Anthrax disease, caused by Bacillus anthracis, is a highly lethal infection with patient fatality rate between 45-85% during fulminant, toxemia-related late-stages of infection. Systemic release of anthrax edema toxin during late-stage infection induces vascular collapse through endothelial barrier disruption, culminating in fatal hypovolemic shock, a hallmark of systemic anthrax infection. Existing therapeutic strategies to mitigate the effects of anthrax infections only target early-stage infection vis-à-vis bacterial clearance (antibiotics) and toxin-host cell interactions (anti-toxin antibodies), but are ineffective in preventing toxemic-shock which is induced even after pathogen clearance. In fact, patients with fulminant infection require aggressive, continuous fluid drainage and assisted breathing, and no effective therapeutic interventions exist currently for this critical stage of infection. Pathogen induced cell-cell barrier disruption (anthrax, cholera, traveler’s diarrhea, gastroenteritis, pertussis, pneumonia) account for significant socio-economic impacts each year. Stand-alone antitoxin therapies such as those mentioned here can fulfill the unmet medical need for measures that significantly improve the survival rate of patients with severe infections, and lower the risk for development of antibiotic resistance.

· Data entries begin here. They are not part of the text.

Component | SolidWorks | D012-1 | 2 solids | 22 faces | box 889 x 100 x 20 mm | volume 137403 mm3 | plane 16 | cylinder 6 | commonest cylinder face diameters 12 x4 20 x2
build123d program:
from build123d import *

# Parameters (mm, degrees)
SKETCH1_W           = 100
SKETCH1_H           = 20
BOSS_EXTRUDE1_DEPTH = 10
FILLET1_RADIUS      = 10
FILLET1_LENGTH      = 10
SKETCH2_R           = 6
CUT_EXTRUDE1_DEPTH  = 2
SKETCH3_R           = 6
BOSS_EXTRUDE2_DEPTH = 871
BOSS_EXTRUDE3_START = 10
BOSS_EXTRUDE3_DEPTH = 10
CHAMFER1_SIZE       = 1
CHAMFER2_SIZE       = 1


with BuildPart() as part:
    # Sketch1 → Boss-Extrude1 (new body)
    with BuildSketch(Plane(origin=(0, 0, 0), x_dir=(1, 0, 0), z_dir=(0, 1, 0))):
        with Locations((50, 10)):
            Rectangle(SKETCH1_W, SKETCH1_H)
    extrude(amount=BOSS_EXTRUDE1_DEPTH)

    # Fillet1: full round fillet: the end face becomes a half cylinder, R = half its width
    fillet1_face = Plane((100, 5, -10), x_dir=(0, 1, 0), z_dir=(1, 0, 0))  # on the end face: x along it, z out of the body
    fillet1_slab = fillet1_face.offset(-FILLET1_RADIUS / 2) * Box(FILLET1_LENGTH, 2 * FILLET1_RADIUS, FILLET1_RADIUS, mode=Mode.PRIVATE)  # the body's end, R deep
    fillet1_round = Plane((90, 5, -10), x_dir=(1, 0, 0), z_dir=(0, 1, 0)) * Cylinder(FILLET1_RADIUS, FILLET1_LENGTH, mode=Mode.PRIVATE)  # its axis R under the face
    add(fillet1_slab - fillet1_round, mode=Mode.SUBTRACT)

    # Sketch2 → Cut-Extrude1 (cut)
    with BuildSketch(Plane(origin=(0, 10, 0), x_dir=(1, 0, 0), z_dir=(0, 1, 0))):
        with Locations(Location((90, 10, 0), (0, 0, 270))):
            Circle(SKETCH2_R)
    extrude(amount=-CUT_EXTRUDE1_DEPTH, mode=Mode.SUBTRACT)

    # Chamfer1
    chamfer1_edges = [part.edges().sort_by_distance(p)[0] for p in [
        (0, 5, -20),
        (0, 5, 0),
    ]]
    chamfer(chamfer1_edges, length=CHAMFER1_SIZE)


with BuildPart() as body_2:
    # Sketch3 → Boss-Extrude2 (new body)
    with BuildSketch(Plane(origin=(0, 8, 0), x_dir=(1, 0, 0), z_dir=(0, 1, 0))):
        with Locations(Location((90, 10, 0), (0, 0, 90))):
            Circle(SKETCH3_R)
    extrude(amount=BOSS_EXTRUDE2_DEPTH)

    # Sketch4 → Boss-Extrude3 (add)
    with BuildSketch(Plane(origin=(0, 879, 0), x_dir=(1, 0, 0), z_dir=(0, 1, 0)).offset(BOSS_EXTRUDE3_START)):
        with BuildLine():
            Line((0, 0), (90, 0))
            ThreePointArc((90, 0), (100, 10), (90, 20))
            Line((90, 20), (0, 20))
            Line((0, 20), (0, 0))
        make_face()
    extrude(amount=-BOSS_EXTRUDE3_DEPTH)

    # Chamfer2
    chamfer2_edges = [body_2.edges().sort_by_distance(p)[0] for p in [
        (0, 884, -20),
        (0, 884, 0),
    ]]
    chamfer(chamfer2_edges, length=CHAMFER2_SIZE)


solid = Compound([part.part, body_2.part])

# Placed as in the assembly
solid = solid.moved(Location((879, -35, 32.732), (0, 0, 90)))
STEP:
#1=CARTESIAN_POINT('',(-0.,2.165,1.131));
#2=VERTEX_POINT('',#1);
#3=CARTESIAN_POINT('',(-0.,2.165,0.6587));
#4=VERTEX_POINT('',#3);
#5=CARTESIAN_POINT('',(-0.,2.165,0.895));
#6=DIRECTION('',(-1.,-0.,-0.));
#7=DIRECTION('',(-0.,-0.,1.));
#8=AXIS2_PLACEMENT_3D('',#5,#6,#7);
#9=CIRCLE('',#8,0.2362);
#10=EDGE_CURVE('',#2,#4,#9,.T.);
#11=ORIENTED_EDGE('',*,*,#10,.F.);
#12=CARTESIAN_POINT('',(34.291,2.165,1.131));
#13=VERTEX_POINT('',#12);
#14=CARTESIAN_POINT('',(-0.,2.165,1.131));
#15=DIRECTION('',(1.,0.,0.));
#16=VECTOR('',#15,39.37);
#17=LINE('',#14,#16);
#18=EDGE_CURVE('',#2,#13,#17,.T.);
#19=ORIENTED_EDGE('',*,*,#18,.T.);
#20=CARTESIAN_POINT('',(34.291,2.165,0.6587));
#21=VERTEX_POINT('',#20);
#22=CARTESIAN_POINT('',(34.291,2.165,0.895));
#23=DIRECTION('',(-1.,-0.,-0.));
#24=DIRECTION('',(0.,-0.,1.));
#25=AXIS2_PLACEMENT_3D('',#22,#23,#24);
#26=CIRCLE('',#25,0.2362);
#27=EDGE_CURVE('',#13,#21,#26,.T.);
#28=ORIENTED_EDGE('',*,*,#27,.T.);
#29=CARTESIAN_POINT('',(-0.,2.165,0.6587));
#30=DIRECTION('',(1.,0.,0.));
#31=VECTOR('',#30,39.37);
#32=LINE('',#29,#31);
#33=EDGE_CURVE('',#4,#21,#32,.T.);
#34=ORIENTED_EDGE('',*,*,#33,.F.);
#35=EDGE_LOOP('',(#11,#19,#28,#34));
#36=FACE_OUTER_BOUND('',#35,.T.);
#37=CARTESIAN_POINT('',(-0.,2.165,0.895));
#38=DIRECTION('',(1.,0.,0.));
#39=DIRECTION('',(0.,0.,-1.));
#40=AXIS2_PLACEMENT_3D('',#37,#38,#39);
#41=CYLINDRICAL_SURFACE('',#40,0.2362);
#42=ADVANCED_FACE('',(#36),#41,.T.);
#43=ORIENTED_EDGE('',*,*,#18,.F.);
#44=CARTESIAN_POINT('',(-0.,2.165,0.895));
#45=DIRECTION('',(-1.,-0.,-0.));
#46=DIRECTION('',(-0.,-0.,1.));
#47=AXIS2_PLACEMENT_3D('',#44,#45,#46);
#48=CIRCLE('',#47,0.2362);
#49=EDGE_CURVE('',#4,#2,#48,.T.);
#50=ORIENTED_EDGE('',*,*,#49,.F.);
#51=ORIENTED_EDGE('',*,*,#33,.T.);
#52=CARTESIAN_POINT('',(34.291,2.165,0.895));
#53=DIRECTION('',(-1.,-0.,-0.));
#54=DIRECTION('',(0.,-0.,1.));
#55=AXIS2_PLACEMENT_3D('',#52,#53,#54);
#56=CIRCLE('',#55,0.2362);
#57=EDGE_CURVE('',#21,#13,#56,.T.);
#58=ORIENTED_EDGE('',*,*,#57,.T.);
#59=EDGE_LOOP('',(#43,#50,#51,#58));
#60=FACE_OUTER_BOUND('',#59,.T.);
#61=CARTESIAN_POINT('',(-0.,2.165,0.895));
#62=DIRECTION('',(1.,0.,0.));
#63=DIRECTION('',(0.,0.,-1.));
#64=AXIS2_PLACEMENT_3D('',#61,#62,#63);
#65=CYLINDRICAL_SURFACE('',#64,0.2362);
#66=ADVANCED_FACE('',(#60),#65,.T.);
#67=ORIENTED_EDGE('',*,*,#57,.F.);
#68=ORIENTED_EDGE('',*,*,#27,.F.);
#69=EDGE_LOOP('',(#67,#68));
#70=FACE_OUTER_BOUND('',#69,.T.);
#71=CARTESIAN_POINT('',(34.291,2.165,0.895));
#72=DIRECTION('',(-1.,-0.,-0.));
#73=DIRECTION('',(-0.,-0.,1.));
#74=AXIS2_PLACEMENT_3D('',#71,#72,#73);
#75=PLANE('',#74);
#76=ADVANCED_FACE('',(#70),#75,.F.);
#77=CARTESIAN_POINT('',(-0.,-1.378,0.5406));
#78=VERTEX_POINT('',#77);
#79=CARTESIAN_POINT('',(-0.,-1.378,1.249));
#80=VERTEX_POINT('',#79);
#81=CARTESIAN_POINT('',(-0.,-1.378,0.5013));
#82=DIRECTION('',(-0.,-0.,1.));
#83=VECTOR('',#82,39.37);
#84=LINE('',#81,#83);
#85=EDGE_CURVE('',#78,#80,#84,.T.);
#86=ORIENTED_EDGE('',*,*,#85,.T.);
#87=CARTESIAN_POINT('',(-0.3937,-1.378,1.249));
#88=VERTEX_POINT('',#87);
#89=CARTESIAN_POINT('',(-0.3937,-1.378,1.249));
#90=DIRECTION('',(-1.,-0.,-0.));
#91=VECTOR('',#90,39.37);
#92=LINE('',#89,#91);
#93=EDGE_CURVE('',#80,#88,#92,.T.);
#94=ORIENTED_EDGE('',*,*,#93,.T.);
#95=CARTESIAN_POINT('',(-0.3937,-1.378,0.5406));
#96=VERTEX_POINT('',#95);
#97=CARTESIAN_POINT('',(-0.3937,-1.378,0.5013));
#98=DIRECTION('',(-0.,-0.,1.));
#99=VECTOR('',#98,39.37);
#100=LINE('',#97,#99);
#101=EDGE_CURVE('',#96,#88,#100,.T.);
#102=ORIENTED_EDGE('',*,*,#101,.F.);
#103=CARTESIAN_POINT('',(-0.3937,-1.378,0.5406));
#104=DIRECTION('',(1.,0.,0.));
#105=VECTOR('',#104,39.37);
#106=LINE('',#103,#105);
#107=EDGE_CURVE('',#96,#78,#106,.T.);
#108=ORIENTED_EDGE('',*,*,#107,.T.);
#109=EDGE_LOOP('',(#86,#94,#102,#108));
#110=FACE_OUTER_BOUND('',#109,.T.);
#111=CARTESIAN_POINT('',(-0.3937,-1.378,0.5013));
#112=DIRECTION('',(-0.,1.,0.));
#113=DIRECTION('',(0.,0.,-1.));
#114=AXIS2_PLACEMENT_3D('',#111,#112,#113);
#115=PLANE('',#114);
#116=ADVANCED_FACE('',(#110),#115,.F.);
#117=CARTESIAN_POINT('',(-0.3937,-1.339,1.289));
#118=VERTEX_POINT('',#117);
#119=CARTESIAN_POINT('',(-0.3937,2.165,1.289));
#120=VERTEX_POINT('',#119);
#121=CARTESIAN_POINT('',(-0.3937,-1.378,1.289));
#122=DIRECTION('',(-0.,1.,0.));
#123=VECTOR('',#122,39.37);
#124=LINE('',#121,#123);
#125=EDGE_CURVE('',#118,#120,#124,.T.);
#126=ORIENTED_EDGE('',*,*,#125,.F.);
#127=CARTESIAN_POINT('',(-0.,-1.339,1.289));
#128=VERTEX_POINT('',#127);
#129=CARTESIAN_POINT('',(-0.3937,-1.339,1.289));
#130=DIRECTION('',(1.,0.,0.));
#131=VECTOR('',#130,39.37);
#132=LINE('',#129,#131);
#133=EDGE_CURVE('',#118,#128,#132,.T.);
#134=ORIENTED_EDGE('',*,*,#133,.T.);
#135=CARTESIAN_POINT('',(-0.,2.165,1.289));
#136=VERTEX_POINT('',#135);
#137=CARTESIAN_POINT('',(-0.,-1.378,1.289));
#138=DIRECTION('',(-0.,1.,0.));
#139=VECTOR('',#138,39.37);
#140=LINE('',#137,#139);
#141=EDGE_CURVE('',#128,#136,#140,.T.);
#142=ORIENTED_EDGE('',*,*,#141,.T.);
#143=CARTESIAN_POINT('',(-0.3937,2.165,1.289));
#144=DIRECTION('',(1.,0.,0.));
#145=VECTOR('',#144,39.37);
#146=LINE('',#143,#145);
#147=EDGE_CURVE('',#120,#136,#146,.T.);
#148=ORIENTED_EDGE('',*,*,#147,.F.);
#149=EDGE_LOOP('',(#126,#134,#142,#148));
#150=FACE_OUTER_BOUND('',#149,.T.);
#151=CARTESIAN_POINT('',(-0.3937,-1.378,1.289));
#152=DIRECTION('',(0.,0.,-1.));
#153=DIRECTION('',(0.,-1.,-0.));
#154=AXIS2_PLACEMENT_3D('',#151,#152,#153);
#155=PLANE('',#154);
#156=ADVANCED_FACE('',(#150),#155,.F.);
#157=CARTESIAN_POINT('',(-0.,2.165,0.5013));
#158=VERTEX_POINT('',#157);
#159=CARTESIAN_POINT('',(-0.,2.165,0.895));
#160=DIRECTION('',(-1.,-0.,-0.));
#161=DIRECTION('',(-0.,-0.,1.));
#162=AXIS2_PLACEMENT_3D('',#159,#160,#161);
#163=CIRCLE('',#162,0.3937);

High fatality rate of anthrax infections, despite intense antibiotic and supportive therapies, are primarily due to the continuing activities of anthrax exotoxins (ET and LT) released in the patient's circulatory system. Edema toxin or ET, a highly active adenylate cyclase that induces uncontrolled, pathological elevation in cellular levels of the second messenger cAMP is a major virulence protein of Bacillus anthracis and mediates significant lethality during fulminant stages of infection. ET induces rapid disruption of the endothelial barrier, resulting in irreversible tissue damage and lethality due massive fluid loss resulting in cardiovascular collapse and hypovolemic shock. It is therefore imperative that new therapeutic measures be developed that effectively blocks the intracellular function of ET (i.e. cellular proteins/pathways co-opted to induce barrier instability), to reduce fatalities associated with anthrax toxemia.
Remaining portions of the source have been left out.